Quoi qu'il en soit, il y a lieu de n'accorder aucune confiance à ce qu'il entreprend de rapporter. La plupart des faits dont le récit va suivre sont confondus et déplacés, notamment en ce qui concerne les dates. L'auteur est incapable, comme on le verra, de situer correctement en 1950 un événement aussi important que la libération d'Henri Martin qui refusa de tirer sur le peuple en Indochine, libération due à des centaines de manifestations et qui d'ailleurs n'eut probablement pas lieu en 1950. Les conséquences d'actions datant de 1955 seront décrites en 1954. Tels témoins apparaîtront ici sous les traits de tristes individus alors qu'ils furent irréprochables, et vice-versa. C'est ainsi que l'ineffable Brozuki dont il se souvient comme d'un homme qui s'est toujours trompé, encore qu'il soit aujourd'hui secrétaire de la Confédération générale des travailleurs, syndicat répondant au principe bien connu de la courroie de transmission, a été plus certainement que l'auteur ne le laisse entendre le secrétaire exemplaire auquel les travailleurs n'ont cessé jusqu'ici et non sans raison de rendre justice. Il citera tout aussi bien quel- que phrase célèbre de l'ineffable Brozuki proférée à l'occasion de l'intervention soviétique à Budapest en l'affectant par erreur à la position du Parti contre la contraception. Par exemple: « Nous sommes contre la contraception, parce que nous sommes pour le droit des femmes à la maternité », phrase qui du reste et vérification faite ne sera pas de Brozuki, mais de Jeannette Veermersch ou de Jacques Duclos.
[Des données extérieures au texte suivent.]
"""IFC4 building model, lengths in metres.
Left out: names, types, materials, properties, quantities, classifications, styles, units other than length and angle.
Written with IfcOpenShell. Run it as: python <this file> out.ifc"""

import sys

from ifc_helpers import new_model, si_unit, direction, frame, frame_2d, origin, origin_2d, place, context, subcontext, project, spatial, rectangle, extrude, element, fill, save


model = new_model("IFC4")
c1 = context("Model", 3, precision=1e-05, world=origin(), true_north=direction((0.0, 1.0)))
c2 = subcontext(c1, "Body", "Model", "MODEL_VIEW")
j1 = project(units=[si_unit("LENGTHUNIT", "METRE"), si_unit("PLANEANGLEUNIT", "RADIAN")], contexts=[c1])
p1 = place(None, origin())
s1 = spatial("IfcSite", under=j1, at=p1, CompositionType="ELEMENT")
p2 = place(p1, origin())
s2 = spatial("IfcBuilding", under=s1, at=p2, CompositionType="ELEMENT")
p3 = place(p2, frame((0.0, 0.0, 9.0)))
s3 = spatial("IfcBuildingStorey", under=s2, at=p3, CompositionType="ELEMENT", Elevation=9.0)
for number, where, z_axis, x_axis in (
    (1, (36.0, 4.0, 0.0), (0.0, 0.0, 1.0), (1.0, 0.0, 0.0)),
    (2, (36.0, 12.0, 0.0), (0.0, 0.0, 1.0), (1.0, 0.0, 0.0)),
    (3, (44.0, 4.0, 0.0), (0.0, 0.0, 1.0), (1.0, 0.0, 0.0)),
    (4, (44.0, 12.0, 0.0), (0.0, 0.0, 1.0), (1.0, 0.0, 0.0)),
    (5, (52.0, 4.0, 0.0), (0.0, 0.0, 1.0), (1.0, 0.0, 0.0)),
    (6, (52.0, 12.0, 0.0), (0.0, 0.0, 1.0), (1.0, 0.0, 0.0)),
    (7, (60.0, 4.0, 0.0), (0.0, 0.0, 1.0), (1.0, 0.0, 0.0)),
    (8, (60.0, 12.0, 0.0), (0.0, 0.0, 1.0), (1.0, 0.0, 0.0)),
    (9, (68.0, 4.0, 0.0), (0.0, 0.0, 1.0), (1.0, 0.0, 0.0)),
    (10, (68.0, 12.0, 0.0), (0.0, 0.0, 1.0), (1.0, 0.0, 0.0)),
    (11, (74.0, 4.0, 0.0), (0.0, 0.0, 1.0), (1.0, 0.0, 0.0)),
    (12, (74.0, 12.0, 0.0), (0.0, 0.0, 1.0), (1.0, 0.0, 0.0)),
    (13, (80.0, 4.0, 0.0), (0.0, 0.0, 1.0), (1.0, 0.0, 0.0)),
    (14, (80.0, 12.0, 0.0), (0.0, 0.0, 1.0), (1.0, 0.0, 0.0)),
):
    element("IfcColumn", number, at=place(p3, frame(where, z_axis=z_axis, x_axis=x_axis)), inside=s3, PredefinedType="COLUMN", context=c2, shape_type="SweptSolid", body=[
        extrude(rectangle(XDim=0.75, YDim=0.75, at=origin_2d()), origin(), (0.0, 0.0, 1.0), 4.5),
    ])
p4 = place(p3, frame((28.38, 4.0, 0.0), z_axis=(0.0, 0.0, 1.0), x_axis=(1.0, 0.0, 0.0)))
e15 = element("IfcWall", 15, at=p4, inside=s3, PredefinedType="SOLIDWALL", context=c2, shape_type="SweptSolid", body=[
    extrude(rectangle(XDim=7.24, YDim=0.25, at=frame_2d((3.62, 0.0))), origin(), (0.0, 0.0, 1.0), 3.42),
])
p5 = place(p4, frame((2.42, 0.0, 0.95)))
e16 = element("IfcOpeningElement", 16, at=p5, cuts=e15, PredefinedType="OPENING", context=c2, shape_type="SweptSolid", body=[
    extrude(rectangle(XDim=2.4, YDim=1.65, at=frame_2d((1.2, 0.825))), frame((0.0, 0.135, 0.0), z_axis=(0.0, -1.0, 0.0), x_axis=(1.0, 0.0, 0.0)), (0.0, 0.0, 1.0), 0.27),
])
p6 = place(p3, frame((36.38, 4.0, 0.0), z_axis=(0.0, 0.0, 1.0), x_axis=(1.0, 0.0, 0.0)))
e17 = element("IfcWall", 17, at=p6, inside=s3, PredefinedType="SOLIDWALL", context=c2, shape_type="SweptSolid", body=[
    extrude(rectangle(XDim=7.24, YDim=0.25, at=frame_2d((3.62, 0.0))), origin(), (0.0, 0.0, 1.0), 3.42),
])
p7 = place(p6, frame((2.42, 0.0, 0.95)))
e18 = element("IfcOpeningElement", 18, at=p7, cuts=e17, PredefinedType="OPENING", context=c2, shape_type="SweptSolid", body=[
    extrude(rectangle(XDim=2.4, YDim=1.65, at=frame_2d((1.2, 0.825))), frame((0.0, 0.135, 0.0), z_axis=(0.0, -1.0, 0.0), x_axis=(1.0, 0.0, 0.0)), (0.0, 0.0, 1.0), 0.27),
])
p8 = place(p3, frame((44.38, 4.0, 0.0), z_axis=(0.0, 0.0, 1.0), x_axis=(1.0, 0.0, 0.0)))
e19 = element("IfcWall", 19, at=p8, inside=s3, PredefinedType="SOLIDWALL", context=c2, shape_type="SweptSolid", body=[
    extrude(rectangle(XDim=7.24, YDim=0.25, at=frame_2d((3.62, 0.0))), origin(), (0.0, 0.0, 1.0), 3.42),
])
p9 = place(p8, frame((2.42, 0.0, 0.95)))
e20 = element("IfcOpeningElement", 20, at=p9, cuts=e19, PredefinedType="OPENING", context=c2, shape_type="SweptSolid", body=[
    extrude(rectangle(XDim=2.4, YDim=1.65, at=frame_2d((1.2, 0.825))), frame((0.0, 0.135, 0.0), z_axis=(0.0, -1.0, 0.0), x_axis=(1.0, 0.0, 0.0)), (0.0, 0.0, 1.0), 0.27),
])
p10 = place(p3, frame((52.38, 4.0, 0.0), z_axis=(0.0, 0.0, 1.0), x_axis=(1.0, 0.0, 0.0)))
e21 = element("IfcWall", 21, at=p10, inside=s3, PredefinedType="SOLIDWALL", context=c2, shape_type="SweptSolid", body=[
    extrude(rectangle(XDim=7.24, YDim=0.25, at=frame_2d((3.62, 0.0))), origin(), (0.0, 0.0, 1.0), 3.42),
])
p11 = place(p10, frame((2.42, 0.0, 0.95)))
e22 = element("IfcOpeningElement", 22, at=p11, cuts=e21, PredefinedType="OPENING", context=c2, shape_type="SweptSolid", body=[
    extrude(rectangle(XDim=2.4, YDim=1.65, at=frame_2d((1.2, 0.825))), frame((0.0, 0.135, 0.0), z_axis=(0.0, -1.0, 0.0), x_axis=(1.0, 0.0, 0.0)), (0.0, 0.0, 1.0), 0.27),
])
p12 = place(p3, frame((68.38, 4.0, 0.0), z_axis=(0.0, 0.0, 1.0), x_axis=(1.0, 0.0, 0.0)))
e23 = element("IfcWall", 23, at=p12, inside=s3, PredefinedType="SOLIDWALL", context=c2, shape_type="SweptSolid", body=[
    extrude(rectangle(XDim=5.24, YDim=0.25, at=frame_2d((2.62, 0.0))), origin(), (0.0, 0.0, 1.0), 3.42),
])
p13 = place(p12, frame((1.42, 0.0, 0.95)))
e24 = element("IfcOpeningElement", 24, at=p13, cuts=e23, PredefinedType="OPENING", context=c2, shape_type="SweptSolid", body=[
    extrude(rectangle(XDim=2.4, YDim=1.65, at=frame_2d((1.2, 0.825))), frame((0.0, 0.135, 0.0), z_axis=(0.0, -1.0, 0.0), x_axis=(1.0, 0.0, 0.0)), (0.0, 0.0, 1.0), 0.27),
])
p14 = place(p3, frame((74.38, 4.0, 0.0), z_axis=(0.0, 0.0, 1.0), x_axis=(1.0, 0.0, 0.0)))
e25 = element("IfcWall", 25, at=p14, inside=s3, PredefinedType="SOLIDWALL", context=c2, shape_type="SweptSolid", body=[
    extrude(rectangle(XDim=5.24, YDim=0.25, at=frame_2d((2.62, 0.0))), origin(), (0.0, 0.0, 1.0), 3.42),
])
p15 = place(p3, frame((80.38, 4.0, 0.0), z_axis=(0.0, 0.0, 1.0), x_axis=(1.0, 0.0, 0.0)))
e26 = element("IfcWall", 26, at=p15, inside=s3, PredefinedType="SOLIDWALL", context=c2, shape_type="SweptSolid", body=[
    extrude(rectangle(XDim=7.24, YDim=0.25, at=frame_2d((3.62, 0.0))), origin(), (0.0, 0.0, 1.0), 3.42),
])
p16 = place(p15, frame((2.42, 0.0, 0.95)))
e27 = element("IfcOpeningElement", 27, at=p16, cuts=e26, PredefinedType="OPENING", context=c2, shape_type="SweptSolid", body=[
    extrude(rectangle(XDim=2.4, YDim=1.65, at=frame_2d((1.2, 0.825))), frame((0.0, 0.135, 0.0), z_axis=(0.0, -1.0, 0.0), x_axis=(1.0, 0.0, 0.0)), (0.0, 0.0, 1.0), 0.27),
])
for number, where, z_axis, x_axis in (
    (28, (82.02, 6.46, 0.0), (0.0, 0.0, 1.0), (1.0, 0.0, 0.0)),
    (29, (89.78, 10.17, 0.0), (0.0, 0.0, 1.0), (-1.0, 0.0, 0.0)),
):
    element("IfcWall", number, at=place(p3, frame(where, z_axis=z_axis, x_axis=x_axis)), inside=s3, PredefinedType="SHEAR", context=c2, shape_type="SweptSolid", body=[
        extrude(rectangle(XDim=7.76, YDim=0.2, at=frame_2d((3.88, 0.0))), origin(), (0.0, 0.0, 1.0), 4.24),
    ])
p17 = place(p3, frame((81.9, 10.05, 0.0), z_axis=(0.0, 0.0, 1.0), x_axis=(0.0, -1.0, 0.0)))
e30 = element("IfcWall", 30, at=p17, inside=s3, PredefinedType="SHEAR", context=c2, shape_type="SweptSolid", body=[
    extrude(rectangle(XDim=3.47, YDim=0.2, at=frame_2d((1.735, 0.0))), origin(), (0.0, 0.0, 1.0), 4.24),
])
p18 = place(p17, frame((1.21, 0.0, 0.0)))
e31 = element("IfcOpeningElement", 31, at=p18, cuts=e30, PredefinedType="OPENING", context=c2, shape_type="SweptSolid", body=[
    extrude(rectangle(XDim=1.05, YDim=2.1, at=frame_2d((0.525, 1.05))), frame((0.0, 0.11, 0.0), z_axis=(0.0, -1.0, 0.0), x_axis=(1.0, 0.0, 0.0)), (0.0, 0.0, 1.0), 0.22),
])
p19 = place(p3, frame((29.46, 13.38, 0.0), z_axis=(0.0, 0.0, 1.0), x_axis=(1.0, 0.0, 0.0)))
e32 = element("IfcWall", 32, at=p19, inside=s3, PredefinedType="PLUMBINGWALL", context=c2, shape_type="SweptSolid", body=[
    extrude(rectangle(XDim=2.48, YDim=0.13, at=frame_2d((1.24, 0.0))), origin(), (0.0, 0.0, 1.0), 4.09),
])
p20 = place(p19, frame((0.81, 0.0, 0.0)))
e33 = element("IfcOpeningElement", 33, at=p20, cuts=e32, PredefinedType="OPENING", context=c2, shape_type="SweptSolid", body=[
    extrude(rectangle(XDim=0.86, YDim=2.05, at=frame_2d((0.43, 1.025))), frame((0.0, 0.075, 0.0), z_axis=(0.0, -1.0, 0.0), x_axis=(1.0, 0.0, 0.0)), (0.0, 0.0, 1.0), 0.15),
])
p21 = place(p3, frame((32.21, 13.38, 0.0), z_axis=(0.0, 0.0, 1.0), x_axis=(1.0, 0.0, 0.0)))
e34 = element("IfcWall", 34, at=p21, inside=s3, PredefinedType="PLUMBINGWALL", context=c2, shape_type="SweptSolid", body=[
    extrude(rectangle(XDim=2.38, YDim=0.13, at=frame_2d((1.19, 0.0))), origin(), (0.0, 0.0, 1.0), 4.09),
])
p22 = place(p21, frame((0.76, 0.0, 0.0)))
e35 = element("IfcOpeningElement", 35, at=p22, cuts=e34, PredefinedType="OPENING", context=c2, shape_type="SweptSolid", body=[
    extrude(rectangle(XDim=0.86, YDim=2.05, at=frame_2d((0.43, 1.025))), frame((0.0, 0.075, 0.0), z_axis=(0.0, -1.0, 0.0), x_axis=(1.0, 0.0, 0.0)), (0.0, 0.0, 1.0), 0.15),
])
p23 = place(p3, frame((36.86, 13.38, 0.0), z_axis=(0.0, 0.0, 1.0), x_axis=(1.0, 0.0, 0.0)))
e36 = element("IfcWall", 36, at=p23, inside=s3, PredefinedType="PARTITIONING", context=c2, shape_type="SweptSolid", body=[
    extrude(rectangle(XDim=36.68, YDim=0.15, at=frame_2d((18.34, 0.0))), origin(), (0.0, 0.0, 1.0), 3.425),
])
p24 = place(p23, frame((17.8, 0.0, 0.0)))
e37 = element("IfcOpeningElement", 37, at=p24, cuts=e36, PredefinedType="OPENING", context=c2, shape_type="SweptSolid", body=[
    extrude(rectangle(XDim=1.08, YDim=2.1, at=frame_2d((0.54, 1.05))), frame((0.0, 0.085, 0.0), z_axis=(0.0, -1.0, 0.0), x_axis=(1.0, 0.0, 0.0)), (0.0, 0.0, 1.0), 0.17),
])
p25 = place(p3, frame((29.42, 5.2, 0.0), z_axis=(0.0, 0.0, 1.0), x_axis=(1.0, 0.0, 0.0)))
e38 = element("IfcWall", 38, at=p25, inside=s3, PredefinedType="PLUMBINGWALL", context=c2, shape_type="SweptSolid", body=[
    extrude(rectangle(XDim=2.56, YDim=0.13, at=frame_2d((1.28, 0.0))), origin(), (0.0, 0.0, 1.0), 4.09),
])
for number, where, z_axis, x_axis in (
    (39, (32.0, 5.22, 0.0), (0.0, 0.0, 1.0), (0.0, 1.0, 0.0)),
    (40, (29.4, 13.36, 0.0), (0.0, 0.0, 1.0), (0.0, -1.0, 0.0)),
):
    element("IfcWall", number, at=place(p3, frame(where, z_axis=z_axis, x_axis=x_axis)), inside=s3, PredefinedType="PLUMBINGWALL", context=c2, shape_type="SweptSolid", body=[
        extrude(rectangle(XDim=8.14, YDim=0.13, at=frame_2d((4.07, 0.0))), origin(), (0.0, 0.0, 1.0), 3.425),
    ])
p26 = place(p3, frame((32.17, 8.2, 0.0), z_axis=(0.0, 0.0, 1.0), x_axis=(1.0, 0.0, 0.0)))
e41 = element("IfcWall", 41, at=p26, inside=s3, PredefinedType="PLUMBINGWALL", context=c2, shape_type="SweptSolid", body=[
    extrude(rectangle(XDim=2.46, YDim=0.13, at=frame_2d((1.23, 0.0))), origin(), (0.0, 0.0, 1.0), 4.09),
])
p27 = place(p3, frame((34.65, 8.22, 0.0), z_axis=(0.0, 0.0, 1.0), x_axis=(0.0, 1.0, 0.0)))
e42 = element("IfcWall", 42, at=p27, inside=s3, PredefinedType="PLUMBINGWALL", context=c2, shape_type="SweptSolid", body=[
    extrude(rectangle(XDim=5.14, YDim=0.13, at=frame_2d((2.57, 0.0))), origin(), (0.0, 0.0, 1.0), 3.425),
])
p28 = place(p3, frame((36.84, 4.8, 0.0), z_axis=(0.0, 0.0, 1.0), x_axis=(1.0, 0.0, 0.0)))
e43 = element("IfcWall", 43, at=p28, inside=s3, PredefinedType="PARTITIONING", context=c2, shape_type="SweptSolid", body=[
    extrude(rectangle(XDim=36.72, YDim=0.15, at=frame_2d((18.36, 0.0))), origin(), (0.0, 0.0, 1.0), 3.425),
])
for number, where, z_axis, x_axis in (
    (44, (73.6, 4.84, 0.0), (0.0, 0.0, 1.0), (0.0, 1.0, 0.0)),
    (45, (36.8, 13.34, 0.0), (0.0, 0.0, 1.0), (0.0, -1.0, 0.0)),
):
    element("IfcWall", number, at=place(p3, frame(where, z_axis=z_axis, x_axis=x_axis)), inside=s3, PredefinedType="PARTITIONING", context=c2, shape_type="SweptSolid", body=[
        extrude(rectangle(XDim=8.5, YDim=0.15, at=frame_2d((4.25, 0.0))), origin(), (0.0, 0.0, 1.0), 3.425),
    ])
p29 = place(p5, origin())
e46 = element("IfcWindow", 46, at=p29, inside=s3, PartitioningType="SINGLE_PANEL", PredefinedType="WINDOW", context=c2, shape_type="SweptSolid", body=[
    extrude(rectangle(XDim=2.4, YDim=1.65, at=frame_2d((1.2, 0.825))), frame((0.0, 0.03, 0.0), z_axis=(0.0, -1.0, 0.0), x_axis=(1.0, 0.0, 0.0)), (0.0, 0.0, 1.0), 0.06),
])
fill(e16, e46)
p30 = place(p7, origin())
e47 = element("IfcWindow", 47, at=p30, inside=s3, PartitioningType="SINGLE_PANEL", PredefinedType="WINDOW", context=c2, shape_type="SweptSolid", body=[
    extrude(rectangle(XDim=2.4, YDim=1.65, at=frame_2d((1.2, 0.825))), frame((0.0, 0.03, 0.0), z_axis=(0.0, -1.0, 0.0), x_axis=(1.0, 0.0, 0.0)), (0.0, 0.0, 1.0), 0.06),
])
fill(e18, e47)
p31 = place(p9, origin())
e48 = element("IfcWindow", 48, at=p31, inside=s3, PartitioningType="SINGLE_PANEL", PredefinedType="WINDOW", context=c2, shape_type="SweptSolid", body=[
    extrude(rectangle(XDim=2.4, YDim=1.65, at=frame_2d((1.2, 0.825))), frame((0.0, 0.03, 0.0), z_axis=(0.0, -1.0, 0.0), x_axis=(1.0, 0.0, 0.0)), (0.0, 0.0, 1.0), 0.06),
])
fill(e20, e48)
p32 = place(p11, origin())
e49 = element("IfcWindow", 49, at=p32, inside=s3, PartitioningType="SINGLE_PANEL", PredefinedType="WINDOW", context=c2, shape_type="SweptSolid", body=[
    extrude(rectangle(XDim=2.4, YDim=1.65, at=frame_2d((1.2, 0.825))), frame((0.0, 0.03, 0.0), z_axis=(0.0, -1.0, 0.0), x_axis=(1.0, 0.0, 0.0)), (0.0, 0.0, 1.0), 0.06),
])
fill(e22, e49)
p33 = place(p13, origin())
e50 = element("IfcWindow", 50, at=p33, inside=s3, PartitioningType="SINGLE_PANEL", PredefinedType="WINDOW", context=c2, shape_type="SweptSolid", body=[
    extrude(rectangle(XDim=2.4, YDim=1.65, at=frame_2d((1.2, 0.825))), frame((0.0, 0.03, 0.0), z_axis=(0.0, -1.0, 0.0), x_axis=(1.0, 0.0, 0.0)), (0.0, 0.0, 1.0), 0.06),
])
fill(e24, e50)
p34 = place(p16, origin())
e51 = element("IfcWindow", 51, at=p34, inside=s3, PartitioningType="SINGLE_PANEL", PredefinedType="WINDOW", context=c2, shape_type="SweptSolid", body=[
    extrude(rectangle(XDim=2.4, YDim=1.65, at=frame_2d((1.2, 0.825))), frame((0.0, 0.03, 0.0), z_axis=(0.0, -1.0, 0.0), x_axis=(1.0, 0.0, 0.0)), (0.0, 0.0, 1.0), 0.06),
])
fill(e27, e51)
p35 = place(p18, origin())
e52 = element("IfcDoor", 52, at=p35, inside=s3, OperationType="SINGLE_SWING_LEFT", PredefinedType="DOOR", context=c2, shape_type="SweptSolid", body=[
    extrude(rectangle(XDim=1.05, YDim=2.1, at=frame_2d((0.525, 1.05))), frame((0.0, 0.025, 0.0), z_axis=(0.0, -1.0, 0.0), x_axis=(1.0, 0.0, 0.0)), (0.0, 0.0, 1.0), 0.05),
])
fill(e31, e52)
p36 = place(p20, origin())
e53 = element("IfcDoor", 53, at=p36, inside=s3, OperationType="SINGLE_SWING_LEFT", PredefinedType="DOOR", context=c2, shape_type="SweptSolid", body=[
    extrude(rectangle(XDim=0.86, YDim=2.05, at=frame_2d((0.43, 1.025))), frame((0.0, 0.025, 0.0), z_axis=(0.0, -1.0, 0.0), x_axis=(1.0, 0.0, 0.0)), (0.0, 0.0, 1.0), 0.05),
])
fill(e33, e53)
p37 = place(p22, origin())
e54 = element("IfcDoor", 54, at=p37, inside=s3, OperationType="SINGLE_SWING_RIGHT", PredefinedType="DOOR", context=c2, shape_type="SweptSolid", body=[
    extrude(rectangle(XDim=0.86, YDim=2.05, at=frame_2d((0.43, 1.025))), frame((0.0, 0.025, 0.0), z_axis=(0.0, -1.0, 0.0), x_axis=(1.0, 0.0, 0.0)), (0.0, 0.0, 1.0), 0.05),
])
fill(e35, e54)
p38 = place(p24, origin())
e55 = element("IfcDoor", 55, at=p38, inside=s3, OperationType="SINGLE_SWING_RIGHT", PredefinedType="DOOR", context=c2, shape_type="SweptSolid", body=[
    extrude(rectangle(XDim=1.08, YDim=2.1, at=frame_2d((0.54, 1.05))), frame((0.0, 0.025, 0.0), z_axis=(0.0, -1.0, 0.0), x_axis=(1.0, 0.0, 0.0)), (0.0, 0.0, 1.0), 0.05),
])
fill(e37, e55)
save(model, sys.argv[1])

De même, il ne faudrait pas prendre les bafouillements de son ami Goldenstock pour quelque difficulté à associer les idées, puisque ce bafouillement n'est que la séquelle d'une paralysie faciale, elle-même conséquente à un virage motocycliste raté. Et la preuve en est que Goldenstock a écrit un fort beau livre intitulé Dans les prisons de Fidel Castro où il resta quelques années sans savoir pourquoi, bien que communiste sincère et dévoué.

Mais Goldenstock est doté d'une mémoire implacable, ce qui lui fait écrire, page 223 de son livre: « Je me souviens avec émotion de nos réunions du parti, de nos distributions de tracts. Où est-il, le temps heureux de nos tâches de militants, des Bassompieu, des Astruc, des Schwartz? » Là, il vous touche, car écrire ces choses-là du fond de la page 223 en plein cachot cubain avec dix ans à tirer, c'est d'une belle mélancolie.
Schwartzenmurtz, p. 9-11.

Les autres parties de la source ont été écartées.